Where are my keys?

Forgetting can improve health and fitness. True. Every time I have to go back to where I was minutes, hours, days before, to do the thing I’d forgotten, I get a little bit more physical exercise, and – and this is very important – I exercise my mental faculties and memories and, presumably, improve my memorising capacities. It’s what I want to believe, so let it be true.

In this category today were the following:

Arriving at the car and realising I’d forgotten the car keys, so returning to the house, find the key, unlocking the door and – immediately (yes, I knew exactly where I’d left them) – laying my hands on them. Then re-locking the door and going back to the car.

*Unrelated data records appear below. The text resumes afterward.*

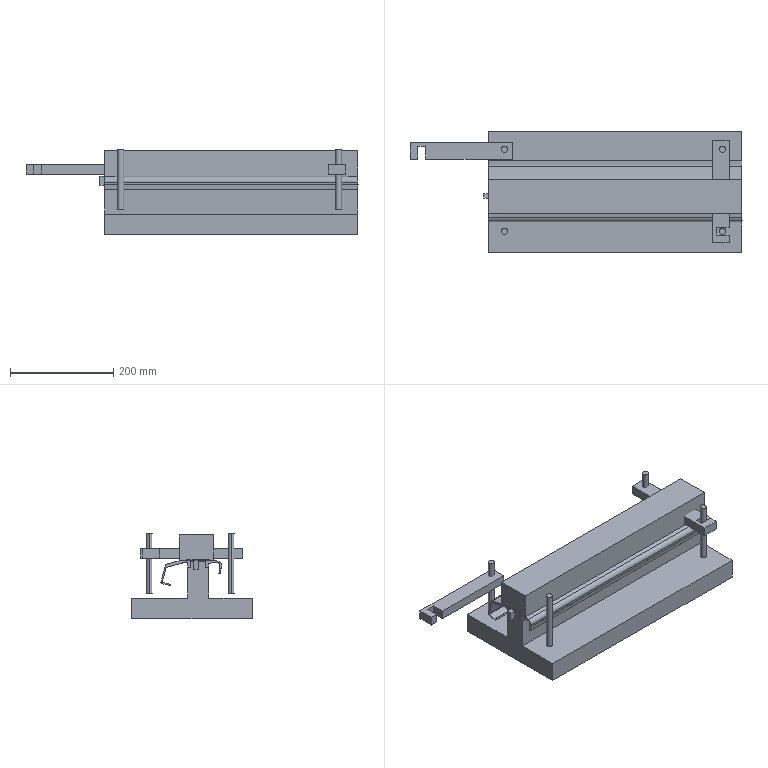CAM job | Mastercam | mm | 8 operations | part box 641.74 x 233.28 x 165.22
1. Contour (Ramp) | 1 - 16 平铣刀
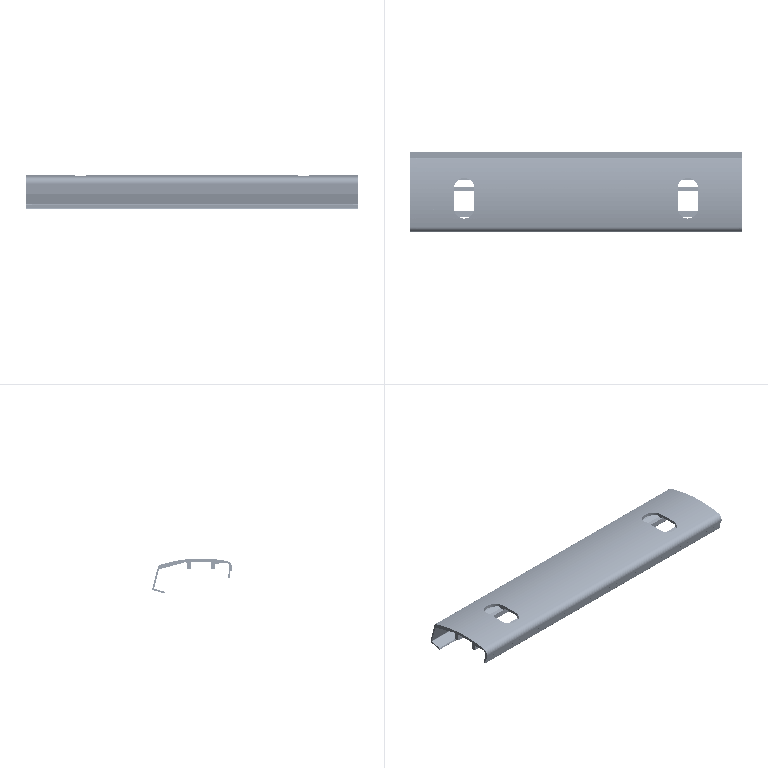2. Contour (Ramp) | 2 - 10 平铣刀
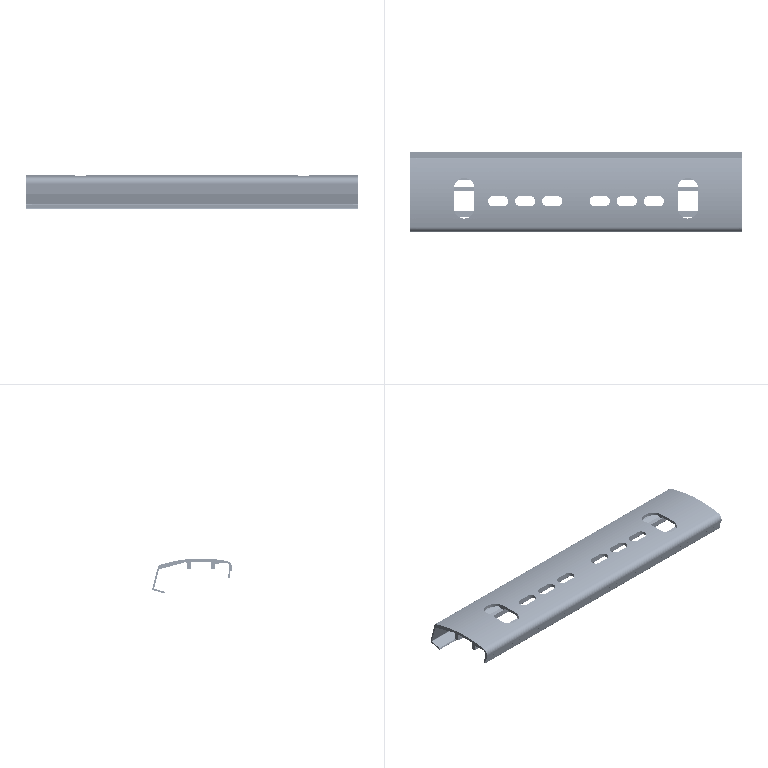3. Contour (2D) | 2 - 10 平铣刀
4. Contour (3D chamfer) | 3 - 5 倒角刀
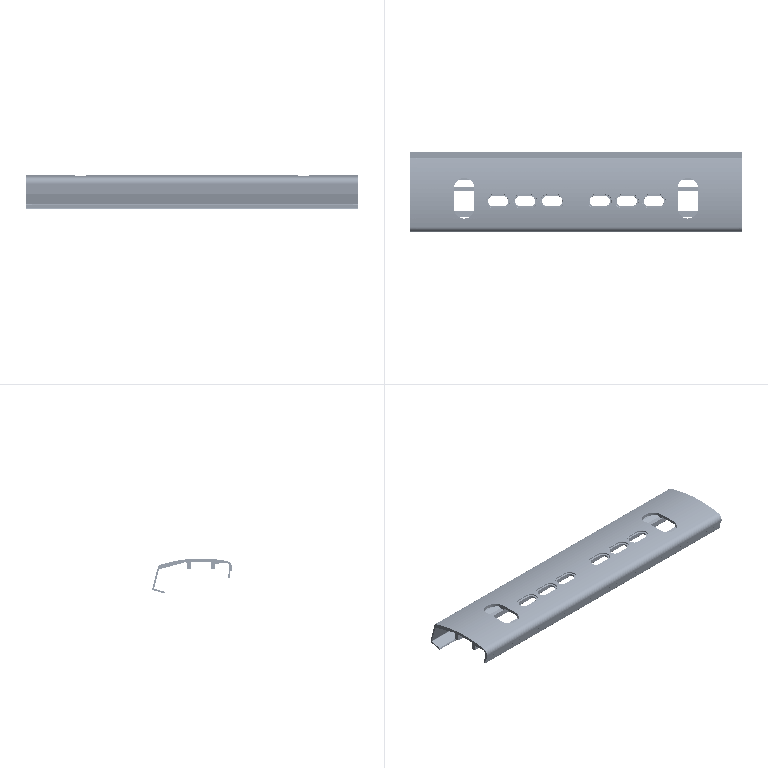5. Contour (3D chamfer) | 3 - 5 倒角刀
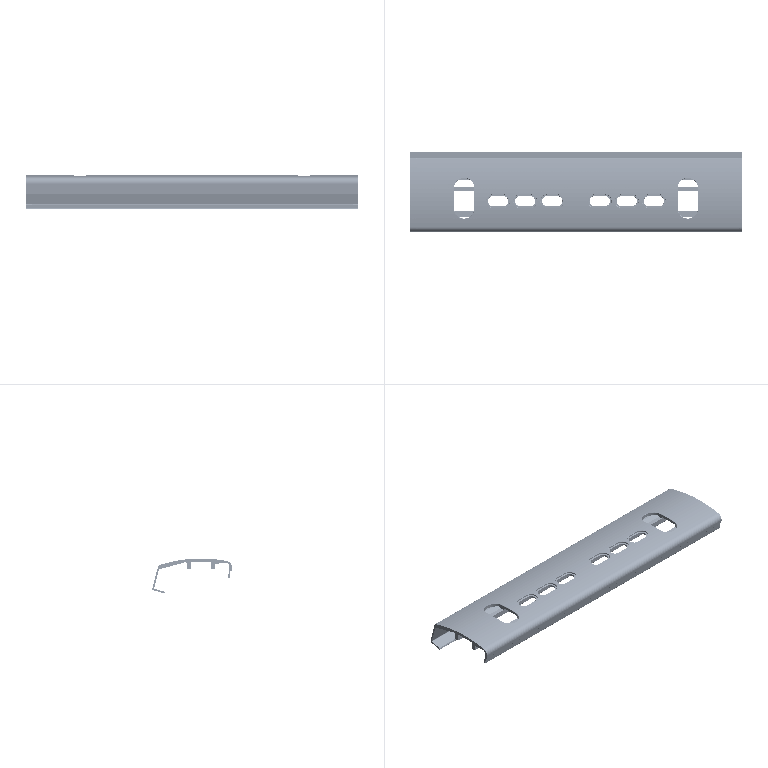6. Contour (2D) | 4 - 6 平铣刀
7. Contour (2D) | 4 - 6 平铣刀
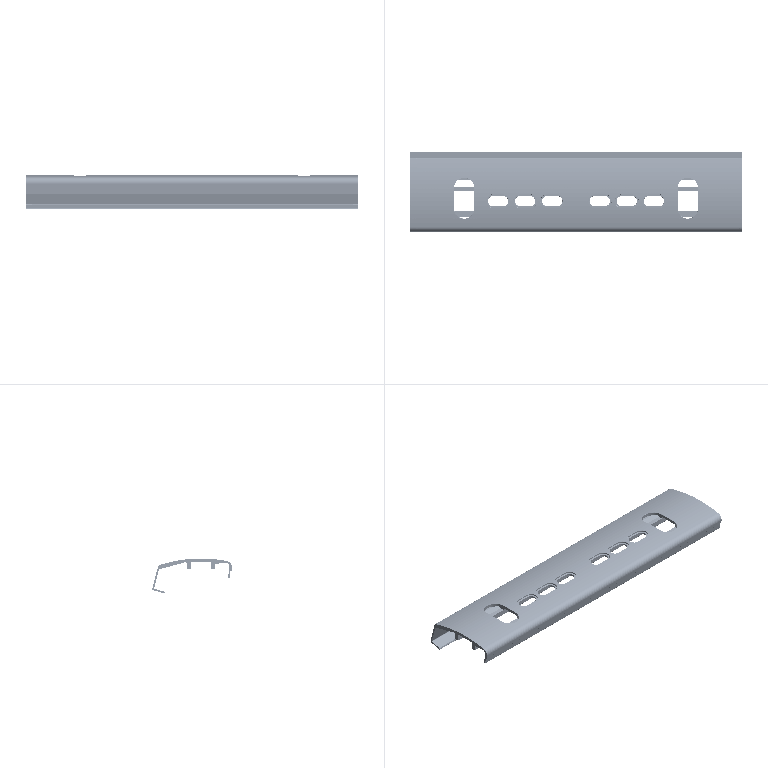8. Contour (2D) | 4 - 6 平铣刀

Another thing with the keys at work.

The same thing with the equipment necessary to do my job, remembering to go back and get it just as I was driving out the gate to travel ten miles up country. A couple of times, I’ve arrived in the northern depot without any of the equipment and had to go back to the start. It can feel as though every day is a potential snakes and ladders game, but with the potential of sliding off the board onto the floor, even before I start.

Then I forgot to put coconut milk in the Thai soup. The smell of my own breath alerted to me to something being wrong but it took a while to work it out.

Also, spelling errors. [Spekk, speek, speeling, spelling.] [altered, alerted.] [is, it, if.]

Again I wonder if a) some of this is normal ageing, b) I’m tired, c) it’s only memory, or d) something worse.